# phlogius sp. "papuanus"



## GAZ-ROBOT (Sep 21, 2007)

top view






bottom view


----------



## hornet (Sep 21, 2007)

probably my fave phlogius, do alot of webbing i have found.


----------



## GAZ-ROBOT (Sep 21, 2007)

yeah lots of webbing! love there web caves I want to get some more of these......


----------



## bylo (Sep 21, 2007)

Very nice , I have several of these as well .

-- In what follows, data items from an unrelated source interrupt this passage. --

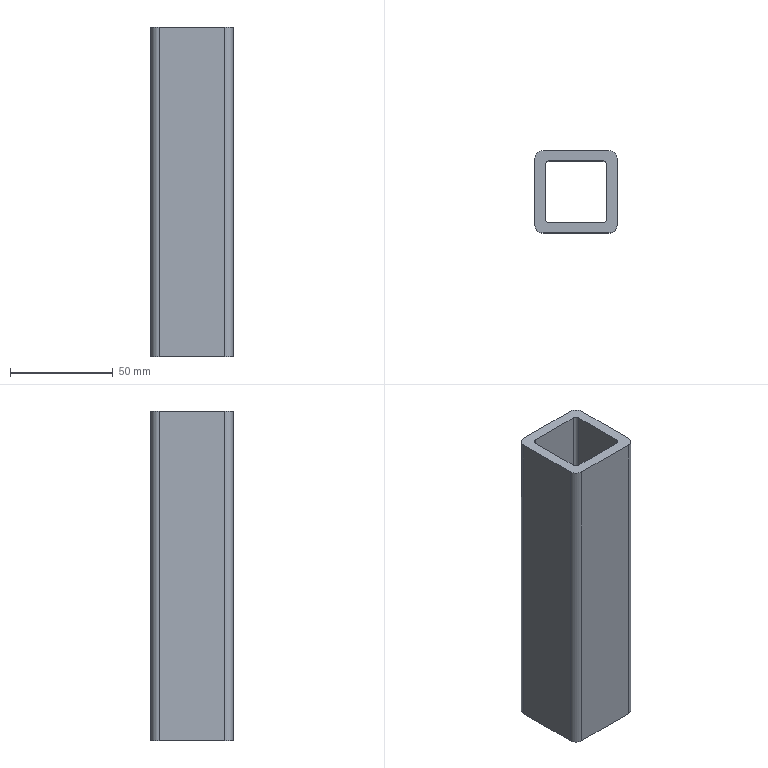Component | SolidWorks | 40-40SquareTube8-2 | 1 solid | 18 faces | box 40 x 40 x 160 mm | volume 110352 mm3 | plane 10 | cylinder 8 | commonest cylinder face diameters 8 x4 4 x4
build123d program:
from build123d import *

# Parameters (mm, degrees)
BOSS_EXTRUDE1_DEPTH = 80


with BuildPart() as part:
    # Sketch1 → Boss-Extrude1 (new, symmetric)
    with BuildSketch(Plane.XY):
        with BuildLine():
            Line((-16, -20), (16, -20))
            ThreePointArc((16, -20), (18.828, -18.828), (20, -16))
            Line((20, -16), (20, 16))
            ThreePointArc((20, 16), (18.828, 18.828), (16, 20))
            Line((16, 20), (-16, 20))
            ThreePointArc((-16, 20), (-18.828, 18.828), (-20, 16))
            Line((-20, 16), (-20, -16))
            ThreePointArc((-20, -16), (-18.828, -18.828), (-16, -20))
        make_face()
        with BuildLine():
            Line((-13, -15), (13, -15))
            ThreePointArc((13, -15), (14.414, -14.414), (15, -13))
            Line((15, -13), (15, 13))
            ThreePointArc((15, 13), (14.414, 14.414), (13, 15))
            Line((13, 15), (-13, 15))
            ThreePointArc((-13, 15), (-14.414, 14.414), (-15, 13))
            Line((-15, 13), (-15, -13))
            ThreePointArc((-15, -13), (-14.414, -14.414), (-13, -15))
        make_face(mode=Mode.SUBTRACT)
    extrude(amount=BOSS_EXTRUDE1_DEPTH, both=True)


solid = part.part

# Placed as in the assembly
solid = solid.moved(Location((17.398, 447.837, 100), (0, 0, 0)))
STEP:
#1=CARTESIAN_POINT('',(1.315,16.844,7.087));
#2=VERTEX_POINT('',#1);
#3=CARTESIAN_POINT('',(1.472,17.001,7.087));
#4=VERTEX_POINT('',#3);
#5=CARTESIAN_POINT('',(1.315,17.001,7.087));
#6=DIRECTION('',(0.,0.,1.));
#7=DIRECTION('',(1.,0.,0.));
#8=AXIS2_PLACEMENT_3D('',#5,#6,#7);
#9=CIRCLE('',#8,0.1575);
#10=EDGE_CURVE('',#2,#4,#9,.T.);
#11=ORIENTED_EDGE('',*,*,#10,.T.);
#12=CARTESIAN_POINT('',(1.472,18.261,7.087));
#13=VERTEX_POINT('',#12);
#14=CARTESIAN_POINT('',(1.472,17.001,7.087));
#15=DIRECTION('',(0.,1.,0.));
#16=VECTOR('',#15,39.37);
#17=LINE('',#14,#16);
#18=EDGE_CURVE('',#4,#13,#17,.T.);
#19=ORIENTED_EDGE('',*,*,#18,.T.);
#20=CARTESIAN_POINT('',(1.315,18.419,7.087));
#21=VERTEX_POINT('',#20);
#22=CARTESIAN_POINT('',(1.315,18.261,7.087));
#23=DIRECTION('',(0.,0.,1.));
#24=DIRECTION('',(-1.,0.,0.));
#25=AXIS2_PLACEMENT_3D('',#22,#23,#24);
#26=CIRCLE('',#25,0.1575);
#27=EDGE_CURVE('',#13,#21,#26,.T.);
#28=ORIENTED_EDGE('',*,*,#27,.T.);
#29=CARTESIAN_POINT('',(0.05504,18.419,7.087));
#30=VERTEX_POINT('',#29);
#31=CARTESIAN_POINT('',(0.05504,18.419,7.087));
#32=DIRECTION('',(-1.,0.,0.));
#33=VECTOR('',#32,39.37);
#34=LINE('',#31,#33);
#35=EDGE_CURVE('',#21,#30,#34,.T.);
#36=ORIENTED_EDGE('',*,*,#35,.T.);
#37=CARTESIAN_POINT('',(-0.1024,18.261,7.087));
#38=VERTEX_POINT('',#37);
#39=CARTESIAN_POINT('',(0.05504,18.261,7.087));
#40=DIRECTION('',(0.,0.,1.));
#41=DIRECTION('',(-1.,0.,0.));
#42=AXIS2_PLACEMENT_3D('',#39,#40,#41);
#43=CIRCLE('',#42,0.1575);
#44=EDGE_CURVE('',#30,#38,#43,.T.);
#45=ORIENTED_EDGE('',*,*,#44,.T.);
#46=CARTESIAN_POINT('',(-0.1024,17.001,7.087));
#47=VERTEX_POINT('',#46);
#48=CARTESIAN_POINT('',(-0.1024,17.001,7.087));
#49=DIRECTION('',(-0.,-1.,0.));
#50=VECTOR('',#49,39.37);
#51=LINE('',#48,#50);
#52=EDGE_CURVE('',#38,#47,#51,.T.);
#53=ORIENTED_EDGE('',*,*,#52,.T.);
#54=CARTESIAN_POINT('',(0.05504,16.844,7.087));
#55=VERTEX_POINT('',#54);
#56=CARTESIAN_POINT('',(0.05504,17.001,7.087));
#57=DIRECTION('',(0.,0.,1.));
#58=DIRECTION('',(-1.,0.,0.));
#59=AXIS2_PLACEMENT_3D('',#56,#57,#58);
#60=CIRCLE('',#59,0.1575);
#61=EDGE_CURVE('',#47,#55,#60,.T.);
#62=ORIENTED_EDGE('',*,*,#61,.T.);
#63=CARTESIAN_POINT('',(0.05504,16.844,7.087));
#64=DIRECTION('',(1.,0.,0.));
#65=VECTOR('',#64,39.37);
#66=LINE('',#63,#65);
#67=EDGE_CURVE('',#55,#2,#66,.T.);
#68=ORIENTED_EDGE('',*,*,#67,.T.);
#69=EDGE_LOOP('',(#11,#19,#28,#36,#45,#53,#62,#68));
#70=FACE_OUTER_BOUND('',#69,.T.);
#71=CARTESIAN_POINT('',(1.276,17.12,7.087));
#72=VERTEX_POINT('',#71);
#73=CARTESIAN_POINT('',(1.276,18.143,7.087));
#74=VERTEX_POINT('',#73);
#75=CARTESIAN_POINT('',(1.276,17.12,7.087));
#76=DIRECTION('',(0.,1.,0.));
#77=VECTOR('',#76,39.37);
#78=LINE('',#75,#77);
#79=EDGE_CURVE('',#72,#74,#78,.T.);
#80=ORIENTED_EDGE('',*,*,#79,.F.);
#81=CARTESIAN_POINT('',(1.197,17.041,7.087));
#82=VERTEX_POINT('',#81);
#83=CARTESIAN_POINT('',(1.197,17.12,7.087));
#84=DIRECTION('',(0.,0.,1.));
#85=DIRECTION('',(1.,0.,0.));
#86=AXIS2_PLACEMENT_3D('',#83,#84,#85);
#87=CIRCLE('',#86,0.07874);
#88=EDGE_CURVE('',#82,#72,#87,.T.);
#89=ORIENTED_EDGE('',*,*,#88,.F.);
#90=CARTESIAN_POINT('',(0.1732,17.041,7.087));
#91=VERTEX_POINT('',#90);
#92=CARTESIAN_POINT('',(0.1732,17.041,7.087));
#93=DIRECTION('',(1.,0.,0.));
#94=VECTOR('',#93,39.37);
#95=LINE('',#92,#94);
#96=EDGE_CURVE('',#91,#82,#95,.T.);
#97=ORIENTED_EDGE('',*,*,#96,.F.);
#98=CARTESIAN_POINT('',(0.09441,17.12,7.087));
#99=VERTEX_POINT('',#98);
#100=CARTESIAN_POINT('',(0.1732,17.12,7.087));
#101=DIRECTION('',(0.,0.,1.));
#102=DIRECTION('',(-1.,0.,0.));
#103=AXIS2_PLACEMENT_3D('',#100,#101,#102);
#104=CIRCLE('',#103,0.07874);
#105=EDGE_CURVE('',#99,#91,#104,.T.);
#106=ORIENTED_EDGE('',*,*,#105,.F.);
#107=CARTESIAN_POINT('',(0.09441,18.143,7.087));
#108=VERTEX_POINT('',#107);
#109=CARTESIAN_POINT('',(0.09441,17.12,7.087));
#110=DIRECTION('',(0.,-1.,0.));
#111=VECTOR('',#110,39.37);
#112=LINE('',#109,#111);
#113=EDGE_CURVE('',#108,#99,#112,.T.);
#114=ORIENTED_EDGE('',*,*,#113,.F.);
#115=CARTESIAN_POINT('',(0.1732,18.222,7.087));
#116=VERTEX_POINT('',#115);
#117=CARTESIAN_POINT('',(0.1732,18.143,7.087));
#118=DIRECTION('',(0.,0.,1.));
#119=DIRECTION('',(-1.,0.,0.));
#120=AXIS2_PLACEMENT_3D('',#117,#118,#119);
#121=CIRCLE('',#120,0.07874);
#122=EDGE_CURVE('',#116,#108,#121,.T.);
#123=ORIENTED_EDGE('',*,*,#122,.F.);
#124=CARTESIAN_POINT('',(1.197,18.222,7.087));
#125=VERTEX_POINT('',#124);
#126=CARTESIAN_POINT('',(0.1732,18.222,7.087));
#127=DIRECTION('',(-1.,0.,0.));
#128=VECTOR('',#127,39.37);
#129=LINE('',#126,#128);
#130=EDGE_CURVE('',#125,#116,#129,.T.);
#131=ORIENTED_EDGE('',*,*,#130,.F.);
#132=CARTESIAN_POINT('',(1.197,18.143,7.087));
#133=DIRECTION('',(0.,0.,1.));
#134=DIRECTION('',(-1.,0.,0.));
#135=AXIS2_PLACEMENT_3D('',#132,#133,#134);
#136=CIRCLE('',#135,0.07874);
#137=EDGE_CURVE('',#74,#125,#136,.T.);
#138=ORIENTED_EDGE('',*,*,#137,.F.);
#139=EDGE_LOOP('',(#80,#89,#97,#106,#114,#123,#131,#138));
#140=FACE_BOUND('',#139,.T.);
#141=CARTESIAN_POINT('',(1.315,17.001,7.087));
#142=DIRECTION('',(0.,0.,1.));
#143=DIRECTION('',(1.,0.,0.));
#144=AXIS2_PLACEMENT_3D('',#141,#142,#143);
#145=PLANE('',#144);
#146=ADVANCED_FACE('',(#70,#140),#145,.T.);
#147=CARTESIAN_POINT('',(1.315,16.844,0.7874));
#148=VERTEX_POINT('',#147);
#149=CARTESIAN_POINT('',(1.472,17.001,0.7874));
#150=VERTEX_POINT('',#149);
#151=CARTESIAN_POINT('',(1.315,17.001,0.7874));
#152=DIRECTION('',(0.,0.,1.));
#153=DIRECTION('',(1.,0.,0.));
#154=AXIS2_PLACEMENT_3D('',#151,#152,#153);
#155=CIRCLE('',#154,0.1575);
#156=EDGE_CURVE('',#148,#150,#155,.T.);
#157=ORIENTED_EDGE('',*,*,#156,.F.);
#158=CARTESIAN_POINT('',(0.05504,16.844,0.7874));
#159=VERTEX_POINT('',#158);
#160=CARTESIAN_POINT('',(0.05504,16.844,0.7874));
#161=DIRECTION('',(1.,0.,0.));
#162=VECTOR('',#161,39.37);
#163=LINE('',#160,#162);
#164=EDGE_CURVE('',#159,#148,#163,.T.);
#165=ORIENTED_EDGE('',*,*,#164,.F.);
#166=CARTESIAN_POINT('',(-0.1024,17.001,0.7874));
#167=VERTEX_POINT('',#166);
#168=CARTESIAN_POINT('',(0.05504,17.001,0.7874));
#169=DIRECTION('',(0.,0.,1.));
#170=DIRECTION('',(-1.,0.,0.));
#171=AXIS2_PLACEMENT_3D('',#168,#169,#170);
#172=CIRCLE('',#171,0.1575);
#173=EDGE_CURVE('',#167,#159,#172,.T.);
#174=ORIENTED_EDGE('',*,*,#173,.F.);
#175=CARTESIAN_POINT('',(-0.1024,18.261,0.7874));
#176=VERTEX_POINT('',#175);
#177=CARTESIAN_POINT('',(-0.1024,17.001,0.7874));
#178=DIRECTION('',(-0.,-1.,0.));
#179=VECTOR('',#178,39.37);
#180=LINE('',#177,#179);
#181=EDGE_CURVE('',#176,#167,#180,.T.);
#182=ORIENTED_EDGE('',*,*,#181,.F.);
#183=CARTESIAN_POINT('',(0.05504,18.419,0.7874));
#184=VERTEX_POINT('',#183);
#185=CARTESIAN_POINT('',(0.05504,18.261,0.7874));
#186=DIRECTION('',(0.,0.,1.));
#187=DIRECTION('',(-1.,0.,0.));
#188=AXIS2_PLACEMENT_3D('',#185,#186,#187);
#189=CIRCLE('',#188,0.1575);
#190=EDGE_CURVE('',#184,#176,#189,.T.);
#191=ORIENTED_EDGE('',*,*,#190,.F.);
#192=CARTESIAN_POINT('',(1.315,18.419,0.7874));
#193=VERTEX_POINT('',#192);
#194=CARTESIAN_POINT('',(0.05504,18.419,0.7874));
#195=DIRECTION('',(-1.,0.,0.));
#196=VECTOR('',#195,39.37);
#197=LINE('',#194,#196);
#198=EDGE_CURVE('',#193,#184,#197,.T.);
#199=ORIENTED_EDGE('',*,*,#198,.F.);
#200=CARTESIAN_POINT('',(1.472,18.261,0.7874));
#201=VERTEX_POINT('',#200);
#202=CARTESIAN_POINT('',(1.315,18.261,0.7874));
#203=DIRECTION('',(0.,0.,1.));
#204=DIRECTION('',(-1.,0.,0.));
#205=AXIS2_PLACEMENT_3D('',#202,#203,#204);
#206=CIRCLE('',#205,0.1575);
#207=EDGE_CURVE('',#201,#193,#206,.T.);
#208=ORIENTED_EDGE('',*,*,#207,.F.);
#209=CARTESIAN_POINT('',(1.472,17.001,0.7874));
#210=DIRECTION('',(0.,1.,0.));
#211=VECTOR('',#210,39.37);
#212=LINE('',#209,#211);
#213=EDGE_CURVE('',#150,#201,#212,.T.);
#214=ORIENTED_EDGE('',*,*,#213,.F.);
#215=EDGE_LOOP('',(#157,#165,#174,#182,#191,#199,#208,#214));
#216=FACE_OUTER_BOUND('',#215,.T.);
#217=CARTESIAN_POINT('',(1.197,17.041,0.7874));
#218=VERTEX_POINT('',#217);
#219=CARTESIAN_POINT('',(1.276,17.12,0.7874));
#220=VERTEX_POINT('',#219);
#221=CARTESIAN_POINT('',(1.197,17.12,0.7874));
#222=DIRECTION('',(0.,0.,1.));
#223=DIRECTION('',(1.,0.,0.));
#224=AXIS2_PLACEMENT_3D('',#221,#222,#223);
#225=CIRCLE('',#224,0.07874);
#226=EDGE_CURVE('',#218,#220,#225,.T.);
#227=ORIENTED_EDGE('',*,*,#226,.T.);
#228=CARTESIAN_POINT('',(1.276,18.143,0.7874));
#229=VERTEX_POINT('',#228);
#230=CARTESIAN_POINT('',(1.276,17.12,0.7874));
#231=DIRECTION('',(0.,1.,0.));
#232=VECTOR('',#231,39.37);
#233=LINE('',#230,#232);
#234=EDGE_CURVE('',#220,#229,#233,.T.);
#235=ORIENTED_EDGE('',*,*,#234,.T.);
#236=CARTESIAN_POINT('',(1.197,18.222,0.7874));
#237=VERTEX_POINT('',#236);
#238=CARTESIAN_POINT('',(1.197,18.143,0.7874));
#239=DIRECTION('',(0.,0.,1.));
#240=DIRECTION('',(-1.,0.,0.));
#241=AXIS2_PLACEMENT_3D('',#238,#239,#240);
#242=CIRCLE('',#241,0.07874);
#243=EDGE_CURVE('',#229,#237,#242,.T.);
#244=ORIENTED_EDGE('',*,*,#243,.T.);
#245=CARTESIAN_POINT('',(0.1732,18.222,0.7874));
#246=VERTEX_POINT('',#245);
#247=CARTESIAN_POINT('',(0.1732,18.222,0.7874));
#248=DIRECTION('',(-1.,0.,0.));
#249=VECTOR('',#248,39.37);
#250=LINE('',#247,#249);
#251=EDGE_CURVE('',#237,#246,#250,.T.);
#252=ORIENTED_EDGE('',*,*,#251,.T.);
#253=CARTESIAN_POINT('',(0.09441,18.143,0.7874));
#254=VERTEX_POINT('',#253);
#255=CARTESIAN_POINT('',(0.1732,18.143,0.7874));
#256=DIRECTION('',(0.,0.,1.));
#257=DIRECTION('',(-1.,0.,0.));
#258=AXIS2_PLACEMENT_3D('',#255,#256,#257);
#259=CIRCLE('',#258,0.07874);
#260=EDGE_CURVE('',#246,#254,#259,.T.);
#261=ORIENTED_EDGE('',*,*,#260,.T.);
#262=CARTESIAN_POINT('',(0.09441,17.12,0.7874));
#263=VERTEX_POINT('',#262);
#264=CARTESIAN_POINT('',(0.09441,17.12,0.7874));
#265=DIRECTION('',(0.,-1.,0.));
#266=VECTOR('',#265,39.37);
#267=LINE('',#264,#266);
#268=EDGE_CURVE('',#254,#263,#267,.T.);
#269=ORIENTED_EDGE('',*,*,#268,.T.);
#270=CARTESIAN_POINT('',(0.1732,17.041,0.7874));
#271=VERTEX_POINT('',#270);
#272=CARTESIAN_POINT('',(0.1732,17.12,0.7874));
#273=DIRECTION('',(0.,0.,1.));
#274=DIRECTION('',(-1.,0.,0.));
#275=AXIS2_PLACEMENT_3D('',#272,#273,#274);
#276=CIRCLE('',#275,0.07874);
#277=EDGE_CURVE('',#263,#271,#276,.T.);
#278=ORIENTED_EDGE('',*,*,#277,.T.);
#279=CARTESIAN_POINT('',(0.1732,17.041,0.7874));
#280=DIRECTION('',(1.,0.,0.));
#281=VECTOR('',#280,39.37);
#282=LINE('',#279,#281);
#283=EDGE_CURVE('',#271,#218,#282,.T.);
#284=ORIENTED_EDGE('',*,*,#283,.T.);
#285=EDGE_LOOP('',(#227,#235,#244,#252,#261,#269,#278,#284));
#286=FACE_BOUND('',#285,.T.);
#287=CARTESIAN_POINT('',(1.315,17.001,0.7874));
#288=DIRECTION('',(0.,0.,1.));
#289=DIRECTION('',(1.,0.,0.));
#290=AXIS2_PLACEMENT_3D('',#287,#288,#289);
#291=PLANE('',#290);
#292=ADVANCED_FACE('',(#216,#286),#291,.F.);
#293=ORIENTED_EDGE('',*,*,#156,.T.);
#294=CARTESIAN_POINT('',(1.472,17.001,7.087));
#295=DIRECTION('',(0.,0.,-1.));
#296=VECTOR('',#295,39.37);
#297=LINE('',#294,#296);
#298=EDGE_CURVE('',#4,#150,#297,.T.);
#299=ORIENTED_EDGE('',*,*,#298,.F.);
#300=ORIENTED_EDGE('',*,*,#10,.F.);
#301=CARTESIAN_POINT('',(1.315,16.844,7.087));
#302=DIRECTION('',(0.,0.,-1.));
#303=VECTOR('',#302,39.37);
#304=LINE('',#301,#303);
#305=EDGE_CURVE('',#2,#148,#304,.T.);
#306=ORIENTED_EDGE('',*,*,#305,.T.);
#307=EDGE_LOOP('',(#293,#299,#300,#306));
#308=FACE_OUTER_BOUND('',#307,.T.);
#309=CARTESIAN_POINT('',(1.315,17.001,7.087));
#310=DIRECTION('',(0.,0.,-1.));
#311=DIRECTION('',(-1.,0.,0.));
#312=AXIS2_PLACEMENT_3D('',#309,#310,#311);
#313=CYLINDRICAL_SURFACE('',#312,0.1575);
#314=ADVANCED_FACE('',(#308),#313,.T.);
#315=ORIENTED_EDGE('',*,*,#213,.T.);
#316=CARTESIAN_POINT('',(1.472,18.261,7.087));
#317=DIRECTION('',(0.,0.,-1.));
#318=VECTOR('',#317,39.37);
#319=LINE('',#316,#318);
#320=EDGE_CURVE('',#13,#201,#319,.T.);
#321=ORIENTED_EDGE('',*,*,#320,.F.);
#322=ORIENTED_EDGE('',*,*,#18,.F.);
#323=ORIENTED_EDGE('',*,*,#298,.T.);
#324=EDGE_LOOP('',(#315,#321,#322,#323));
#325=FACE_OUTER_BOUND('',#324,.T.);
#326=CARTESIAN_POINT('',(1.472,17.001,7.087));
#327=DIRECTION('',(-1.,0.,0.));
#328=DIRECTION('',(0.,0.,1.));
#329=AXIS2_PLACEMENT_3D('',#326,#327,#328);
#330=PLANE('',#329);
#331=ADVANCED_FACE('',(#325),#330,.F.);
#332=ORIENTED_EDGE('',*,*,#207,.T.);
#333=CARTESIAN_POINT('',(1.315,18.419,7.087));
#334=DIRECTION('',(0.,0.,-1.));
#335=VECTOR('',#334,39.37);
#336=LINE('',#333,#335);
#337=EDGE_CURVE('',#21,#193,#336,.T.);
#338=ORIENTED_EDGE('',*,*,#337,.F.);
#339=ORIENTED_EDGE('',*,*,#27,.F.);
#340=ORIENTED_EDGE('',*,*,#320,.T.);
#341=EDGE_LOOP('',(#332,#338,#339,#340));
#342=FACE_OUTER_BOUND('',#341,.T.);
#343=CARTESIAN_POINT('',(1.315,18.261,7.087));
#344=DIRECTION('',(0.,0.,-1.));
#345=DIRECTION('',(-1.,0.,0.));
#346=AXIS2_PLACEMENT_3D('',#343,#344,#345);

and yes hornet mine web heaps as well


----------



## hornet (Sep 21, 2007)

I have about 5 i think, all but one has had its moult so wont be long and all will be done.


----------



## GAZ-ROBOT (Sep 21, 2007)

thanx bylo


----------



## GAZ-ROBOT (Sep 21, 2007)

my "papuanus" hasent started shedding yet can't wait till it does...


----------



## hornet (Sep 21, 2007)

i heated mine to get something to happen, the ones at room temp havent done anything yet


----------



## scorps (Sep 21, 2007)

i wish i had heaps of cool insects and arachnids


----------



## deebo (Sep 21, 2007)

do you handle them much?
just dont get spiders myself. They wig me out! coudlnt imagine one crawling on me!
Dave


----------



## hornet (Sep 21, 2007)

nah, no handling aussie t's, very skittish and quite a painfull bite.


----------



## deebo (Sep 21, 2007)

painful because they are mildly venomous or just big fangs?
probably a very dumb question but i know nothing bout spiders!


----------



## hornet (Sep 21, 2007)

bit of both, also when they run the often fall, when they fall they tend to crack open and die.


----------



## deebo (Sep 21, 2007)

fall? as in just trip up or fall from a height? they must be fairly fragile then...


----------



## hornet (Sep 21, 2007)

young ones can hold on but sometimes will still fall but adults will have trouble keeping hold if they run upside down and often will drop.


----------